Investors watched for news from Citigroup Inc. The company's effort to boost its equity capital could result in the federal government raising its stake in the bank this week to as much as 40 percent, a person familiar with the talks said.

The company received US$45 billion in U.S. bailout money made up primarily of debt-like preferred shares, plus federal guarantees to cover losses on some US$300 billion in risky investments. The bank has been in talks with regulators over ways the government could help strengthen the bank still further.

While a deal wasn't announced during the session yesterday, it could be come within days, the person told The Associated Press late Wednesday, asking not to be named because the discussions are still continuing.

Among health insurers, WellPoint Inc. fell US$3.78, or 9.7 percent, to US$35.34, while UnitedHealth Group Inc. fell US$2.96, or 12.9 percent, to US$20.07. Aetna Inc. fell US$3.05, or 11.3 percent, to US$24.03.

In other news, General Motors Corp. reported a US$9.6 billion loss for the fourth quarter and said it burned through US$6.2 billion of cash in the final three months of 2008. Top GM executives were in Washington, D.C., yesterday to meet with the Obama administration's auto task force to talk about restructuring and additional loans. GM fell 17 cents, or 6.7 percent, to US$2.38.
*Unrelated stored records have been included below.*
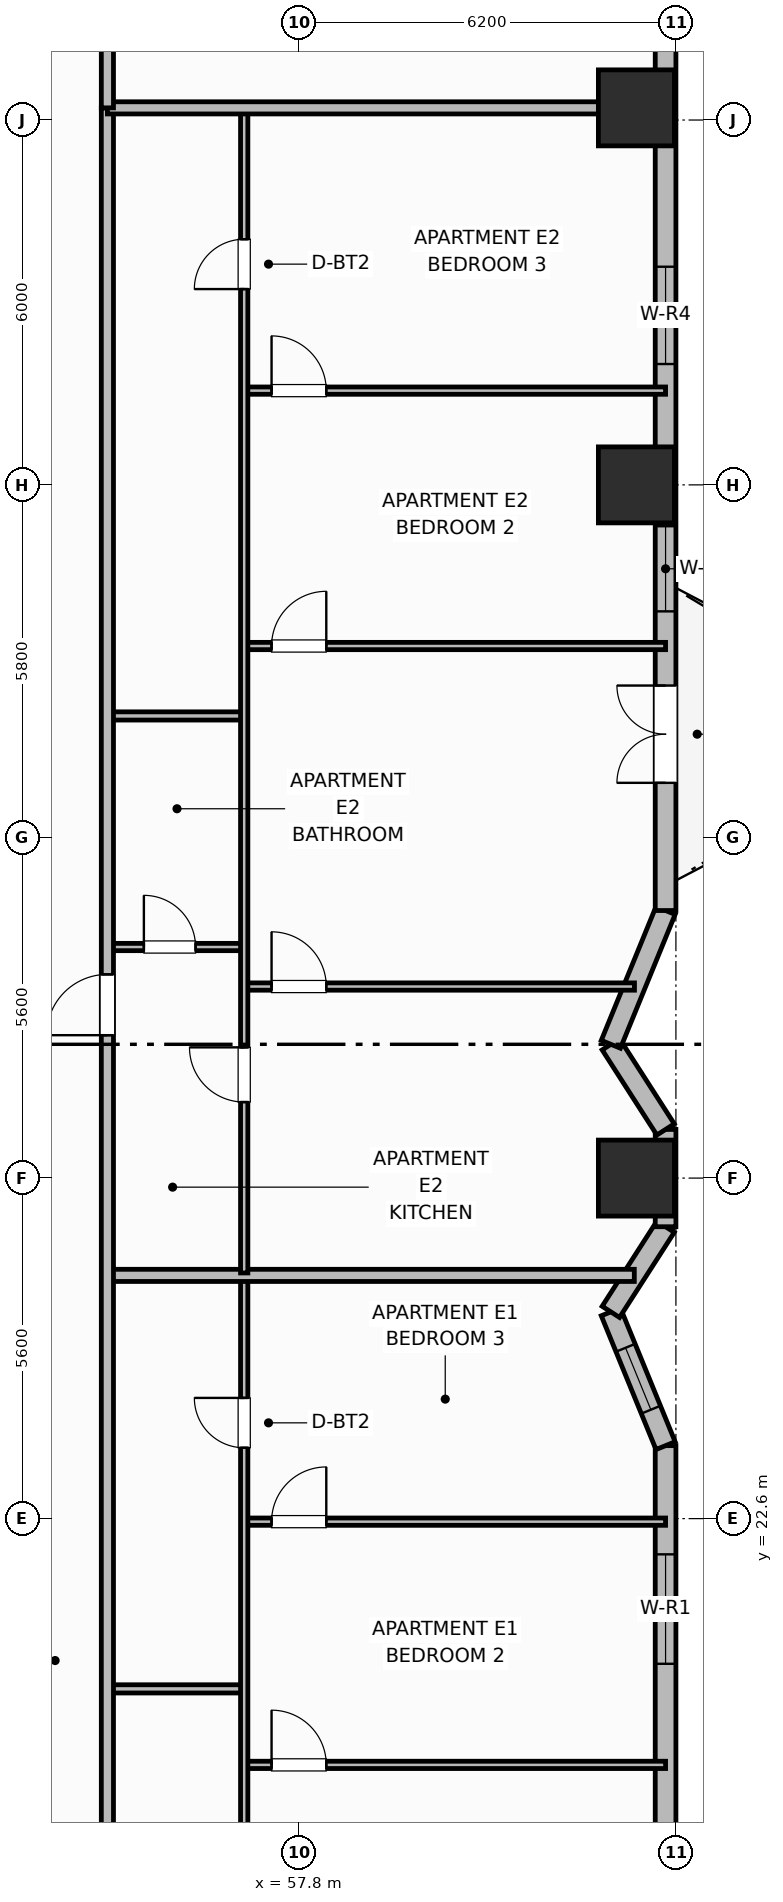
"""IFC4 building model, lengths in metres.
Left out: names, types, materials, properties, quantities, classifications, styles, units other than length and angle.
Written with IfcOpenShell. Run it as: python <this file> out.ifc"""

import sys

from ifc_helpers import new_model, si_unit, direction, frame, frame_2d, origin, origin_2d, place, context, subcontext, project, spatial, rectangle, extrude, element, fill, save


model = new_model("IFC4")
c1 = context("Model", 3, precision=1e-05, world=origin(), true_north=direction((0.0, 1.0)))
c2 = subcontext(c1, "Body", "Model", "MODEL_VIEW")
j1 = project(units=[si_unit("LENGTHUNIT", "METRE"), si_unit("PLANEANGLEUNIT", "RADIAN")], contexts=[c1])
p1 = place(None, origin())
s1 = spatial("IfcSite", under=j1, at=p1, CompositionType="ELEMENT")
p2 = place(p1, origin())
s2 = spatial("IfcBuilding", under=s1, at=p2, CompositionType="ELEMENT")
p3 = place(p2, frame((0.0, 0.0, 39.9)))
s3 = spatial("IfcBuildingStorey", under=s2, at=p3, CompositionType="ELEMENT", Elevation=39.9)
for number, where, z_axis, x_axis in (
    (1, (63.35, 28.2, 0.0), (0.0, 0.0, 1.0), (1.0, 0.0, 0.0)),
    (2, (63.35, 39.6, 0.0), (0.0, 0.0, 1.0), (1.0, 0.0, 0.0)),
    (3, (63.35, 45.8, 0.0), (0.0, 0.0, 1.0), (1.0, 0.0, 0.0)),
):
    element("IfcColumn", number, at=place(p3, frame(where, z_axis=z_axis, x_axis=x_axis)), inside=s3, PredefinedType="COLUMN", context=c2, shape_type="SweptSolid", body=[
        extrude(rectangle(XDim=1.25, YDim=1.25, at=origin_2d()), origin(), (0.0, 0.0, 1.0), 3.7),
    ])
p4 = place(p3, frame((63.83, 9.0, 0.0), z_axis=(0.0, 0.0, 1.0), x_axis=(0.0, 1.0, 0.0)))
e4 = element("IfcWall", 4, at=p4, inside=s3, PredefinedType="SOLIDWALL", context=c2, shape_type="SweptSolid", body=[
    extrude(rectangle(XDim=14.8, YDim=0.34, at=frame_2d((7.4, 0.0))), origin(), (0.0, 0.0, 1.0), 2.7),
])
p5 = place(p4, frame((6.0, 0.0, 0.89)))
e5 = element("IfcOpeningElement", 5, at=p5, cuts=e4, PredefinedType="OPENING", context=c2, shape_type="SweptSolid", body=[
    extrude(rectangle(XDim=1.1, YDim=1.65, at=frame_2d((0.55, 0.825))), frame((0.0, 0.18, 0.0), z_axis=(0.0, -1.0, 0.0), x_axis=(1.0, 0.0, 0.0)), (0.0, 0.0, 1.0), 0.36),
])
p6 = place(p4, frame((11.212, 0.0, 0.73)))
e6 = element("IfcOpeningElement", 6, at=p6, cuts=e4, PredefinedType="OPENING", context=c2, shape_type="SweptSolid", body=[
    extrude(rectangle(XDim=1.8, YDim=1.85, at=frame_2d((0.9, 0.925))), frame((0.0, 0.18, 0.0), z_axis=(0.0, -1.0, 0.0), x_axis=(1.0, 0.0, 0.0)), (0.0, 0.0, 1.0), 0.36),
])
p7 = place(p3, frame((63.83, 23.8, 0.0), z_axis=(0.0, 0.0, 1.0), x_axis=(-0.378692835005, 0.925522412865, 0.0)))
e7 = element("IfcWall", 7, at=p7, inside=s3, PredefinedType="SOLIDWALL", context=c2, shape_type="SweptSolid", body=[
    extrude(rectangle(XDim=2.377, YDim=0.34, at=frame_2d((1.188, 0.0))), origin(), (0.0, 0.0, 1.0), 2.7),
])
p8 = place(p7, frame((0.638, 0.0, 0.89)))
e8 = element("IfcOpeningElement", 8, at=p8, cuts=e7, PredefinedType="OPENING", context=c2, shape_type="SweptSolid", body=[
    extrude(rectangle(XDim=1.1, YDim=1.65, at=frame_2d((0.55, 0.825))), frame((0.0, 0.18, 0.0), z_axis=(0.0, -1.0, 0.0), x_axis=(1.0, 0.0, 0.0)), (0.0, 0.0, 1.0), 0.36),
])
p9 = place(p3, frame((62.93, 26.0, 0.0), z_axis=(0.0, 0.0, 1.0), x_axis=(0.540846555596, 0.841121277403, 0.0)))
e9 = element("IfcWall", 9, at=p9, inside=s3, PredefinedType="SOLIDWALL", context=c2, shape_type="SweptSolid", body=[
    extrude(rectangle(XDim=1.664, YDim=0.34, at=frame_2d((0.832, 0.0))), origin(), (0.0, 0.0, 1.0), 2.7),
])
p10 = place(p3, frame((63.83, 27.4, 0.0), z_axis=(0.0, 0.0, 1.0), x_axis=(0.0, 1.0, 0.0)))
e10 = element("IfcWall", 10, at=p10, inside=s3, PredefinedType="SOLIDWALL", context=c2, shape_type="SweptSolid", body=[
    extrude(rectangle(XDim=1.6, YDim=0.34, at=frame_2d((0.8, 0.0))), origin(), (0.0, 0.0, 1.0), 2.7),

Bond prices were mixed yesterday. The yield on the benchmark 10-year Treasury note, which moves opposite its price, rose to 3 percent from 2.93 percent late Wednesday. The yield on the three-month T-bill, considered one of the safest investments, fell to 0.26 percent from 0.29 percent Wednesday.

The dollar was mixed against other major currencies, while gold prices fell.

Light, sweet crude rose US$2.72 to settle at US$45.22 on the New York Mercantile Exchange.

Overseas, Britain's FTSE 100 rose 1.73 percent, Germany's DAX index rose 2.51 percent, and France's CAC-40 rose 1.78 percent. Earlier, Japan's Nikkei stock average slipped 0.04 percent.